For additional CLI tool and GUI functionalities (uses external packages such as [colorama](https://github.com/tartley/colorama), 
or [Typer](https://github.com/tiangolo/typer)):
```console
pip install mdiff[cli]
```

## Examples
Generating opcodes for input sequences:
```python
from mdiff import HeckelSequenceMatcher

a = ['line1', 'line2', 'line3', 'line4', 'line5']
b = ['line1', 'line3', 'line2', 'line4', 'line6']
sm = HeckelSequenceMatcher(a, b)
opcodes = sm.get_opcodes()
for opcode in opcodes:
    print(opcode)
```
```console
OpCode('equal', 0, 1, 0, 1)
OpCode('move', 1, 2, 2, 2)
OpCode('equal', 2, 3, 1, 2)
OpCode('moved', 1, 1, 2, 3)
OpCode('equal', 3, 4, 3, 4)
OpCode('replace', 4, 5, 4, 5)
```

Extracting changes from input sequences using opcodes:
```python
...
for tag, i1, i2, j1, j2 in opcodes:
    print('{:7}   a[{}:{}] --> b[{}:{}] {!r:>8} --> {!r}'.format(tag, i1, i2, j1, j2, a[i1:i2], b[j1:j2]))
```
```console
equal     a[0:1] --> b[0:1]  ['line1'] --> ['line1']
move      a[1:2] --> b[2:2]  ['line2'] --> []
equal     a[2:3] --> b[1:2]  ['line3'] --> ['line3']
moved     a[1:1] --> b[2:3]         [] --> ['line2']
equal     a[3:4] --> b[3:4]  ['line4'] --> ['line4']
replace   a[4:5] --> b[4:5]  ['line5'] --> ['line6']
```

Generating and printing diff for input strings:
```python
from mdiff import diff_lines_with_similarities, CompositeOpCode

a = 'line1\nline2\nline3\nline4\nline5'
b = 'line1\nline3\nline2\nline4\nline6'
a_lines, b_lines, opcodes = diff_lines_with_similarities(a, b, cutoff=0.75)

for opcode in opcodes:
    tag, i1, i2, j1, j2 = opcode
    print('{:7}   a_lines[{}:{}] --> b_lines[{}:{}] {!r:>10} --> {!r}'.
          format(tag, i1, i2, j1, j2, a_lines[i1:i2], b_lines[j1:j2]))
    if isinstance(opcode, CompositeOpCode) and opcode.children_opcodes:
        for ltag, li1, li2, lj1, lj2 in opcode.children_opcodes:
            print('\t{:7}   a_lines[{}][{}:{}] --> b_lines[{}][{}:{}] {!r:>10} --> {!r}'
                  .format(ltag, i1, li1, li2, j1, lj1, lj2, a_lines[i1][li1:li2], b_lines[j1][lj1:lj2]))
```
```console
equal     a_lines[0:1] --> b_lines[0:1]  ['line1'] --> ['line1']
move      a_lines[1:2] --> b_lines[2:2]  ['line2'] --> []
equal     a_lines[2:3] --> b_lines[1:2]  ['line3'] --> ['line3']
moved     a_lines[1:1] --> b_lines[2:3]         [] --> ['line2']
equal     a_lines[3:4] --> b_lines[3:4]  ['line4'] --> ['line4']
replace   a_lines[4:5] --> b_lines[4:5]  ['line5'] --> ['line6']
	equal     a_lines[4][0:4] --> b_lines[4][0:4]     'line' --> 'line'
	replace   a_lines[4][4:5] --> b_lines[4][4:5]        '5' --> '6'
```
Indented tags shows in-line differences, in this case `line5` and `line6` strings have the only difference at last character.

## API
General idea is to provide new `SequenceMatcher` object that's compatible with built-in `difflib.SequenceMatcher` class,
so they can be used interchangeably to generate opcodes.

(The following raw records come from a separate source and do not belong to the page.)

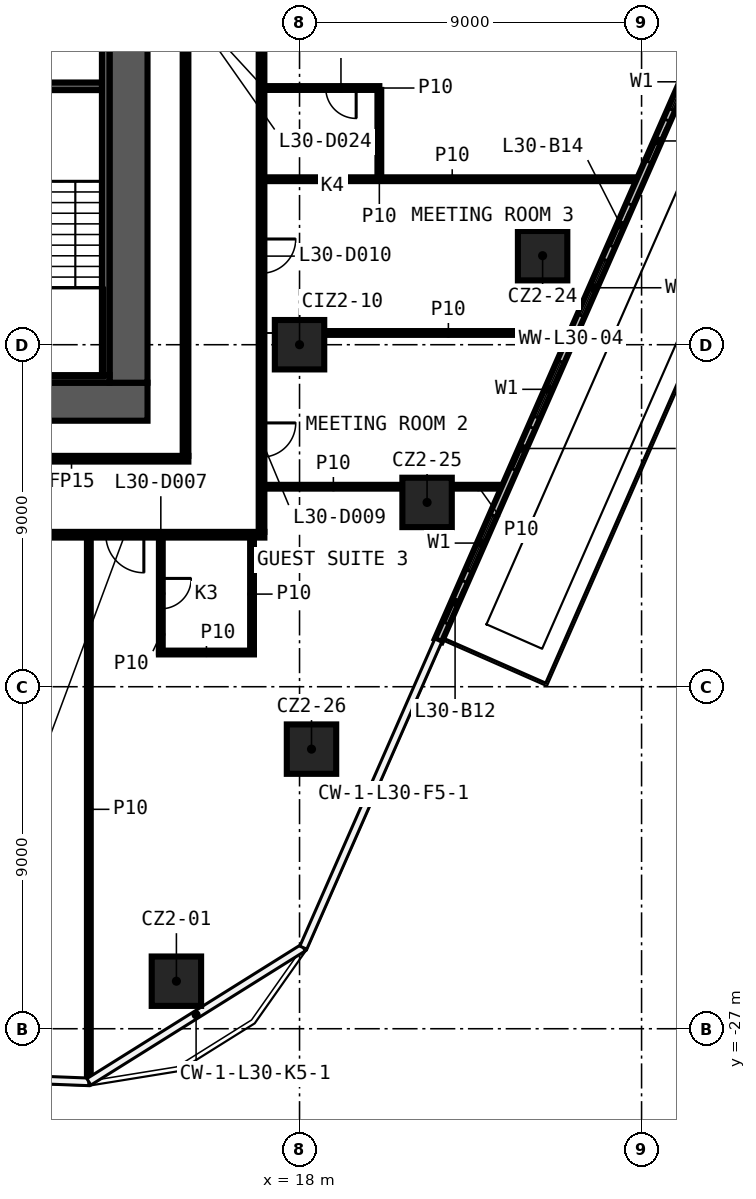
"""IFC4 building model, lengths in metres.
Left out: names, types, materials, properties, quantities, classifications, styles, units other than length and angle.
Written with IfcOpenShell. Run it as: python <this file> out.ifc"""

import sys

from ifc_helpers import new_model, si_unit, direction, frame, frame_2d, origin, origin_2d, place, context, subcontext, project, spatial, rectangle, extrude, element, fill, save


model = new_model("IFC4")
c1 = context("Model", 3, precision=1e-05, world=origin(), true_north=direction((0.0, 1.0)))
c2 = subcontext(c1, "Body", "Model", "MODEL_VIEW")
j1 = project(units=[si_unit("LENGTHUNIT", "METRE"), si_unit("PLANEANGLEUNIT", "RADIAN")], contexts=[c1])
p1 = place(None, origin())
s1 = spatial("IfcSite", under=j1, at=p1, CompositionType="ELEMENT")
p2 = place(p1, origin())
s2 = spatial("IfcBuilding", under=s1, at=p2, CompositionType="ELEMENT")
p3 = place(p2, frame((0.0, 0.0, 135.9)))
s3 = spatial("IfcBuildingStorey", under=s2, at=p3, CompositionType="ELEMENT", Elevation=135.9)
for number, where, z_axis, x_axis in (
    (1, (14.76, -25.749, 0.0), (0.0, 0.0, 1.0), (1.0, 0.0, 0.0)),
    (2, (24.396, -6.657, 0.0), (0.0, 0.0, 1.0), (1.0, 0.0, 0.0)),
    (3, (21.356, -13.15, 0.0), (0.0, 0.0, 1.0), (1.0, 0.0, 0.0)),
    (4, (18.315, -19.642, 0.0), (0.0, 0.0, 1.0), (1.0, 0.0, 0.0)),
    (5, (18.0, -9.0, 0.0), (0.0, 0.0, 1.0), (1.0, 0.0, 0.0)),
):
    element("IfcColumn", number, at=place(p3, frame(where, z_axis=z_axis, x_axis=x_axis)), inside=s3, PredefinedType="COLUMN", context=c2, shape_type="SweptSolid", body=[
        extrude(rectangle(XDim=1.3, YDim=1.3, at=origin_2d()), origin(), (0.0, 0.0, 1.0), 3.3),
    ])
p4 = place(p3, frame((14.3, -17.1, 0.0), z_axis=(0.0, 0.0, 1.0), x_axis=(1.0, 0.0, 0.0)))
e6 = element("IfcWall", 6, at=p4, inside=s3, PredefinedType="PARTITIONING", context=c2, shape_type="SweptSolid", body=[
    extrude(rectangle(XDim=2.5, YDim=0.1, at=frame_2d((1.25, 0.0))), origin(), (0.0, 0.0, 1.0), 3.3),
])
p5 = place(p3, frame((17.075, -14.0, 0.0), z_axis=(0.0, 0.0, 1.0), x_axis=(-1.0, 0.0, 0.0)))
e7 = element("IfcWall", 7, at=p5, inside=s3, PredefinedType="PARTITIONING", context=c2, shape_type="SweptSolid", body=[
    extrude(rectangle(XDim=34.15, YDim=0.15, at=frame_2d((17.075, 0.0))), origin(), (0.0, 0.0, 1.0), 3.3),
])
p6 = place(p5, frame((32.046, 0.0, 0.0)))
e8 = element("IfcOpeningElement", 8, at=p6, cuts=e7, PredefinedType="OPENING", context=c2, shape_type="SweptSolid", body=[
    extrude(rectangle(XDim=0.9, YDim=2.1, at=frame_2d((0.45, 1.05))), frame((0.0, 0.085, 0.0), z_axis=(0.0, -1.0, 0.0), x_axis=(1.0, 0.0, 0.0)), (0.0, 0.0, 1.0), 0.17),
])
p7 = place(p5, frame((24.32, 0.0, 0.0)))
e9 = element("IfcOpeningElement", 9, at=p7, cuts=e7, PredefinedType="OPENING", context=c2, shape_type="SweptSolid", body=[
    extrude(rectangle(XDim=1.0, YDim=2.1, at=frame_2d((0.5, 1.05))), frame((0.0, 0.085, 0.0), z_axis=(0.0, -1.0, 0.0), x_axis=(1.0, 0.0, 0.0)), (0.0, 0.0, 1.0), 0.17),
])
p8 = place(p5, frame((10.847, 0.0, 0.0)))
e10 = element("IfcOpeningElement", 10, at=p8, cuts=e7, PredefinedType="OPENING", context=c2, shape_type="SweptSolid", body=[
    extrude(rectangle(XDim=1.0, YDim=2.1, at=frame_2d((0.5, 1.05))), frame((0.0, 0.085, 0.0), z_axis=(0.0, -1.0, 0.0), x_axis=(1.0, 0.0, 0.0)), (0.0, 0.0, 1.0), 0.17),
])
p9 = place(p5, frame((3.172, 0.0, 0.0)))
e11 = element("IfcOpeningElement", 11, at=p9, cuts=e7, PredefinedType="OPENING", context=c2, shape_type="SweptSolid", body=[
    extrude(rectangle(XDim=1.0, YDim=2.1, at=frame_2d((0.5, 1.05))), frame((0.0, 0.085, 0.0), z_axis=(0.0, -1.0, 0.0), x_axis=(1.0, 0.0, 0.0)), (0.0, 0.0, 1.0), 0.17),
])
p10 = place(p3, frame((17.075, -12.737, 0.0), z_axis=(0.0, 0.0, 1.0), x_axis=(1.0, 0.0, 0.0)))
e12 = element("IfcWall", 12, at=p10, inside=s3, PredefinedType="PARTITIONING", context=c2, shape_type="SweptSolid", body=[
    extrude(rectangle(XDim=3.631, YDim=0.1, at=frame_2d((1.815, 0.0))), origin(), (0.0, 0.0, 1.0), 3.3),
])
p11 = place(p3, frame((22.006, -12.737, 0.0), z_axis=(0.0, 0.0, 1.0), x_axis=(1.0, 0.0, 0.0)))
e13 = element("IfcWall", 13, at=p11, inside=s3, PredefinedType="PARTITIONING", context=c2, shape_type="SweptSolid", body=[
    extrude(rectangle(XDim=1.4, YDim=0.1, at=frame_2d((0.7, 0.0))), origin(), (0.0, 0.0, 1.0), 3.3),
])
p12 = place(p3, frame((8.925, -12.0, 0.0), z_axis=(0.0, 0.0, 1.0), x_axis=(1.0, 0.0, 0.0)))
e14 = element("IfcWall", 14, at=p12, inside=s3, PredefinedType="PARTITIONING", context=c2, shape_type="SweptSolid", body=[
    extrude(rectangle(XDim=6.15, YDim=0.15, at=frame_2d((3.075, 0.0))), origin(), (0.0, 0.0, 1.0), 3.3),
])
p13 = place(p3, frame((18.65, -8.691, 0.0), z_axis=(0.0, 0.0, 1.0), x_axis=(1.0, 0.0, 0.0)))
e15 = element("IfcWall", 15, at=p13, inside=s3, PredefinedType="PARTITIONING", context=c2, shape_type="SweptSolid", body=[
    extrude(rectangle(XDim=6.533, YDim=0.1, at=frame_2d((3.267, 0.0))), origin(), (0.0, 0.0, 1.0), 3.3),
])
p14 = place(p3, frame((17.075, -4.645, 0.0), z_axis=(0.0, 0.0, 1.0), x_axis=(1.0, 0.0, 0.0)))
e16 = element("IfcWall", 16, at=p14, inside=s3, PredefinedType="PARTITIONING", context=c2, shape_type="SweptSolid", body=[
    extrude(rectangle(XDim=9.885, YDim=0.1, at=frame_2d((4.943, 0.0))), origin(), (0.0, 0.0, 1.0), 3.3),
])
p15 = place(p3, frame((20.1, -2.245, 0.0), z_axis=(0.0, 0.0, 1.0), x_axis=(-1.0, 0.0, 0.0)))
e17 = element("IfcWall", 17, at=p15, inside=s3, PredefinedType="PARTITIONING", context=c2, shape_type="SweptSolid", body=[
    extrude(rectangle(XDim=3.025, YDim=0.1, at=frame_2d((1.513, 0.0))), origin(), (0.0, 0.0, 1.0), 3.3),
])
p16 = place(p15, frame((0.61, 0.0, 0.0)))
e18 = element("IfcOpeningElement", 18, at=p16, cuts=e17, PredefinedType="OPENING", context=c2, shape_type="SweptSolid", body=[
    extrude(rectangle(XDim=0.8, YDim=2.1, at=frame_2d((0.4, 1.05))), frame((0.0, 0.06, 0.0), z_axis=(0.0, -1.0, 0.0), x_axis=(1.0, 0.0, 0.0)), (0.0, 0.0, 1.0), 0.12),
])
p17 = place(p3, frame((20.1, -4.595, 0.0), z_axis=(0.0, 0.0, 1.0), x_axis=(0.0, 1.0, 0.0)))
e19 = element("IfcWall", 19, at=p17, inside=s3, PredefinedType="PARTITIONING", context=c2, shape_type="SweptSolid", body=[
    extrude(rectangle(XDim=2.3, YDim=0.1, at=frame_2d((1.15, 0.0))), origin(), (0.0, 0.0, 1.0), 3.3),
])
p18 = place(p3, frame((17.0, 13.925, 0.0), z_axis=(0.0, 0.0, 1.0), x_axis=(0.0, -1.0, 0.0)))
e20 = element("IfcWall", 20, at=p18, inside=s3, PredefinedType="PARTITIONING", context=c2, shape_type="SweptSolid", body=[
    extrude(rectangle(XDim=27.85, YDim=0.15, at=frame_2d((13.925, 0.0))), origin(), (0.0, 0.0, 1.0), 3.3),
])
p19 = place(p18, frame((24.983, 0.0, 0.0)))
e21 = element("IfcOpeningElement", 21, at=p19, cuts=e20, PredefinedType="OPENING", context=c2, shape_type="SweptSolid", body=[
    extrude(rectangle(XDim=0.9, YDim=2.1, at=frame_2d((0.45, 1.05))), frame((0.0, 0.085, 0.0), z_axis=(0.0, -1.0, 0.0), x_axis=(1.0, 0.0, 0.0)), (0.0, 0.0, 1.0), 0.17),
])
p20 = place(p18, frame((20.143, 0.0, 0.0)))
e22 = element("IfcOpeningElement", 22, at=p20, cuts=e20, PredefinedType="OPENING", context=c2, shape_type="SweptSolid", body=[
    extrude(rectangle(XDim=0.9, YDim=2.1, at=frame_2d((0.45, 1.05))), frame((0.0, 0.085, 0.0), z_axis=(0.0, -1.0, 0.0), x_axis=(1.0, 0.0, 0.0)), (0.0, 0.0, 1.0), 0.17),
])
p21 = place(p18, frame((11.054, 0.0, 0.0)))
e23 = element("IfcOpeningElement", 23, at=p21, cuts=e20, PredefinedType="OPENING", context=c2, shape_type="SweptSolid", body=[
    extrude(rectangle(XDim=1.0, YDim=2.1, at=frame_2d((0.5, 1.05))), frame((0.0, 0.085, 0.0), z_axis=(0.0, -1.0, 0.0), x_axis=(1.0, 0.0, 0.0)), (0.0, 0.0, 1.0), 0.17),
])
p22 = place(p18, frame((7.139, 0.0, 0.0)))
e24 = element("IfcOpeningElement", 24, at=p22, cuts=e20, PredefinedType="OPENING", context=c2, shape_type="SweptSolid", body=[
    extrude(rectangle(XDim=0.9, YDim=2.1, at=frame_2d((0.45, 1.05))), frame((0.0, 0.085, 0.0), z_axis=(0.0, -1.0, 0.0), x_axis=(1.0, 0.0, 0.0)), (0.0, 0.0, 1.0), 0.17),
])
p23 = place(p3, frame((16.75, -17.05, 0.0), z_axis=(0.0, 0.0, 1.0), x_axis=(0.0, 1.0, 0.0)))
e25 = element("IfcWall", 25, at=p23, inside=s3, PredefinedType="PARTITIONING", context=c2, shape_type="SweptSolid", body=[
    extrude(rectangle(XDim=2.975, YDim=0.1, at=frame_2d((1.488, 0.0))), origin(), (0.0, 0.0, 1.0), 3.3),
])
p24 = place(p3, frame((15.0, -11.925, 0.0), z_axis=(0.0, 0.0, 1.0), x_axis=(0.0, 1.0, 0.0)))
e26 = element("IfcWall", 26, at=p24, inside=s3, PredefinedType="PARTITIONING", context=c2, shape_type="SweptSolid", body=[
    extrude(rectangle(XDim=23.85, YDim=0.15, at=frame_2d((11.925, 0.0))), origin(), (0.0, 0.0, 1.0), 3.3),
])
p25 = place(p24, frame((11.475, 0.0, 0.0)))
e27 = element("IfcOpeningElement", 27, at=p25, cuts=e26, PredefinedType="OPENING", context=c2, shape_type="SweptSolid", body=[
    extrude(rectangle(XDim=0.9, YDim=2.1, at=frame_2d((0.45, 1.05))), frame((0.0, 0.085, 0.0), z_axis=(0.0, -1.0, 0.0), x_axis=(1.0, 0.0, 0.0)), (0.0, 0.0, 1.0), 0.17),
])
p26 = place(p3, frame((14.35, -14.075, 0.0), z_axis=(0.0, 0.0, 1.0), x_axis=(0.0, -1.0, 0.0)))
e28 = element("IfcWall", 28, at=p26, inside=s3, PredefinedType="PARTITIONING", context=c2, shape_type="SweptSolid", body=[
    extrude(rectangle(XDim=3.025, YDim=0.1, at=frame_2d((1.513, 0.0))), origin(), (0.0, 0.0, 1.0), 3.3),
])
p27 = place(p26, frame((1.075, 0.0, 0.0)))
e29 = element("IfcOpeningElement", 29, at=p27, cuts=e28, PredefinedType="OPENING", context=c2, shape_type="SweptSolid", body=[
    extrude(rectangle(XDim=0.8, YDim=2.1, at=frame_2d((0.4, 1.05))), frame((0.0, 0.06, 0.0), z_axis=(0.0, -1.0, 0.0), x_axis=(1.0, 0.0, 0.0)), (0.0, 0.0, 1.0), 0.12),
])
p28 = place(p3, frame((12.456, -28.378, 0.0), z_axis=(0.0, 0.0, 1.0), x_axis=(0.0, 1.0, 0.0)))
e30 = element("IfcWall", 30, at=p28, inside=s3, PredefinedType="PARTITIONING", context=c2, shape_type="SweptSolid", body=[
    extrude(rectangle(XDim=14.303, YDim=0.1, at=frame_2d((7.151, 0.0))), origin(), (0.0, 0.0, 1.0), 3.3),
])
p29 = place(p3, frame((21.65, -16.783, 0.0), z_axis=(0.0, 0.0, 1.0), x_axis=(0.402171088909, 0.915564533633, 0.0)))
e31 = element("IfcWall", 31, at=p29, inside=s3, PredefinedType="SOLIDWALL", context=c2, shape_type="SweptSolid", body=[
    extrude(rectangle(XDim=17.677, YDim=0.2, at=frame_2d((8.838, 0.0))), origin(), (0.0, 0.0, 1.0), 3.3),
])
p30 = place(p29, frame((2.0, 0.0, 0.6)))
e32 = element("IfcOpeningElement", 32, at=p30, cuts=e31, PredefinedType="OPENING", context=c2, shape_type="SweptSolid", body=[
    extrude(rectangle(XDim=1.6, YDim=2.4, at=frame_2d((0.8, 1.2))), frame((0.0, 0.11, 0.0), z_axis=(0.0, -1.0, 0.0), x_axis=(1.0, 0.0, 0.0)), (0.0, 0.0, 1.0), 0.22),
])
p31 = place(p29, frame((0.5, 0.0, 0.0)))
e33 = element("IfcOpeningElement", 33, at=p31, cuts=e31, PredefinedType="OPENING", context=c2, shape_type="SweptSolid", body=[
    extrude(rectangle(XDim=1.2, YDim=2.4, at=frame_2d((0.6, 1.2))), frame((0.0, 0.11, 0.0), z_axis=(0.0, -1.0, 0.0), x_axis=(1.0, 0.0, 0.0)), (0.0, 0.0, 1.0), 0.22),
])
p32 = place(p29, frame((6.419, 0.0, 0.6)))
e34 = element("IfcOpeningElement", 34, at=p32, cuts=e31, PredefinedType="OPENING", context=c2, shape_type="SweptSolid", body=[
    extrude(rectangle(XDim=1.6, YDim=2.4, at=frame_2d((0.8, 1.2))), frame((0.0, 0.11, 0.0), z_axis=(0.0, -1.0, 0.0), x_axis=(1.0, 0.0, 0.0)), (0.0, 0.0, 1.0), 0.22),
])
p33 = place(p29, frame((4.919, 0.0, 0.0)))
e35 = element("IfcOpeningElement", 35, at=p33, cuts=e31, PredefinedType="OPENING", context=c2, shape_type="SweptSolid", body=[
    extrude(rectangle(XDim=1.2, YDim=2.4, at=frame_2d((0.6, 1.2))), frame((0.0, 0.11, 0.0), z_axis=(0.0, -1.0, 0.0), x_axis=(1.0, 0.0, 0.0)), (0.0, 0.0, 1.0), 0.22),
])
p34 = place(p29, frame((9.338, 0.0, 0.6)))
e36 = element("IfcOpeningElement", 36, at=p34, cuts=e31, PredefinedType="OPENING", context=c2, shape_type="SweptSolid", body=[
    extrude(rectangle(XDim=1.6, YDim=2.4, at=frame_2d((0.8, 1.2))), frame((0.0, 0.11, 0.0), z_axis=(0.0, -1.0, 0.0), x_axis=(1.0, 0.0, 0.0)), (0.0, 0.0, 1.0), 0.22),
])
p35 = place(p29, frame((11.338, 0.0, 0.0)))
e37 = element("IfcOpeningElement", 37, at=p35, cuts=e31, PredefinedType="OPENING", context=c2, shape_type="SweptSolid", body=[
    extrude(rectangle(XDim=1.2, YDim=2.4, at=frame_2d((0.6, 1.2))), frame((0.0, 0.11, 0.0), z_axis=(0.0, -1.0, 0.0), x_axis=(1.0, 0.0, 0.0)), (0.0, 0.0, 1.0), 0.22),
])
p36 = place(p29, frame((15.258, 0.0, 0.6)))
e38 = element("IfcOpeningElement", 38, at=p36, cuts=e31, PredefinedType="OPENING", context=c2, shape_type="SweptSolid", body=[
    extrude(rectangle(XDim=1.6, YDim=2.4, at=frame_2d((0.8, 1.2))), frame((0.0, 0.11, 0.0), z_axis=(0.0, -1.0, 0.0), x_axis=(1.0, 0.0, 0.0)), (0.0, 0.0, 1.0), 0.22),
])
p37 = place(p29, frame((13.758, 0.0, 0.0)))
e39 = element("IfcOpeningElement", 39, at=p37, cuts=e31, PredefinedType="OPENING", context=c2, shape_type="SweptSolid", body=[
    extrude(rectangle(XDim=1.2, YDim=2.4, at=frame_2d((0.6, 1.2))), frame((0.0, 0.11, 0.0), z_axis=(0.0, -1.0, 0.0), x_axis=(1.0, 0.0, 0.0)), (0.0, 0.0, 1.0), 0.22),
])
p38 = place(p3, frame((14.0, -10.5, 0.0), z_axis=(0.0, 0.0, 1.0), x_axis=(-1.0, 0.0, 0.0)))
e40 = element("IfcWall", 40, at=p38, inside=s3, PredefinedType="SHEAR", context=c2, shape_type="SweptSolid", body=[
    extrude(rectangle(XDim=28.0, YDim=1.0, at=frame_2d((14.0, 0.0))), origin(), (0.0, 0.0, 1.0), 3.3),
])
p39 = place(p38, frame((5.1, 0.0, 0.0)))
e41 = element("IfcOpeningElement", 41, at=p39, cuts=e40, PredefinedType="OPENING", context=c2, shape_type="SweptSolid", body=[
    extrude(rectangle(XDim=1.6, YDim=2.1, at=frame_2d((0.8, 1.05))), frame((0.0, 0.51, 0.0), z_axis=(0.0, -1.0, 0.0), x_axis=(1.0, 0.0, 0.0)), (0.0, 0.0, 1.0), 1.02),
])
p40 = place(p3, frame((13.5, 10.0, 0.0), z_axis=(0.0, 0.0, 1.0), x_axis=(0.0, -1.0, 0.0)))
e42 = element("IfcWall", 42, at=p40, inside=s3, PredefinedType="SHEAR", context=c2, shape_type="SweptSolid", body=[
    extrude(rectangle(XDim=20.0, YDim=1.0, at=frame_2d((10.0, 0.0))), origin(), (0.0, 0.0, 1.0), 3.3),
])
p41 = place(p3, frame((13.0, -9.9, 0.0), z_axis=(0.0, 0.0, 1.0), x_axis=(-1.0, 0.0, 0.0)))
e43 = element("IfcWall", 43, at=p41, inside=s3, PredefinedType="SHEAR", context=c2, shape_type="SweptSolid", body=[
    extrude(rectangle(XDim=3.7, YDim=0.2, at=frame_2d((1.85, 0.0))), origin(), (0.0, 0.0, 1.0), 3.3),
])
p42 = place(p3, frame((12.9, 9.8, 0.0), z_axis=(0.0, 0.0, 1.0), x_axis=(0.0, -1.0, 0.0)))
e44 = element("IfcWall", 44, at=p42, inside=s3, PredefinedType="SHEAR", context=c2, shape_type="SweptSolid", body=[
    extrude(rectangle(XDim=19.6, YDim=0.2, at=frame_2d((9.8, 0.0))), origin(), (0.0, 0.0, 1.0), 3.3),
])
p43 = place(p3, frame((9.45, -2.2, 0.0), z_axis=(0.0, 0.0, 1.0), x_axis=(1.0, 0.0, 0.0)))
e45 = element("IfcWall", 45, at=p43, inside=s3, PredefinedType="SHEAR", context=c2, shape_type="SweptSolid", body=[
    extrude(rectangle(XDim=3.35, YDim=0.2, at=frame_2d((1.675, 0.0))), origin(), (0.0, 0.0, 1.0), 3.3),
])
p44 = place(p27, origin())
e46 = element("IfcDoor", 46, at=p44, inside=s3, OperationType="SINGLE_SWING_RIGHT", PredefinedType="DOOR", context=c2, shape_type="SweptSolid", body=[
    extrude(rectangle(XDim=0.8, YDim=2.1, at=frame_2d((0.4, 1.05))), frame((0.0, 0.025, 0.0), z_axis=(0.0, -1.0, 0.0), x_axis=(1.0, 0.0, 0.0)), (0.0, 0.0, 1.0), 0.05),
])
fill(e29, e46)
p45 = place(p9, origin())
e47 = element("IfcDoor", 47, at=p45, inside=s3, OperationType="SINGLE_SWING_LEFT", PredefinedType="DOOR", context=c2, shape_type="SweptSolid", body=[
    extrude(rectangle(XDim=1.0, YDim=2.1, at=frame_2d((0.5, 1.05))), frame((0.0, 0.025, 0.0), z_axis=(0.0, -1.0, 0.0), x_axis=(1.0, 0.0, 0.0)), (0.0, 0.0, 1.0), 0.05),
])
fill(e11, e47)
p46 = place(p19, origin())
e48 = element("IfcDoor", 48, at=p46, inside=s3, OperationType="SINGLE_SWING_RIGHT", PredefinedType="DOOR", context=c2, shape_type="SweptSolid", body=[
    extrude(rectangle(XDim=0.9, YDim=2.1, at=frame_2d((0.45, 1.05))), frame((0.0, 0.025, 0.0), z_axis=(0.0, -1.0, 0.0), x_axis=(1.0, 0.0, 0.0)), (0.0, 0.0, 1.0), 0.05),
])
fill(e21, e48)
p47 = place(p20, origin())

### `HeckelSequenceMatcher`

`HeckelSequenceMatcher` is a class for comparing pairs of sequences of any type, as long as sequences
are comparable and hashable. Unlike builtin `difflib.SequenceMatcher`, it detects and marks elements
displacement between sequences. This class provides `get_opcodes()` method which returns Sequence of opcodes
with differences between sequences, similar as `difflib.SequenceMatcher.get_opcodes()` does, but
with additional `move` and `moved` tags for displaced elements.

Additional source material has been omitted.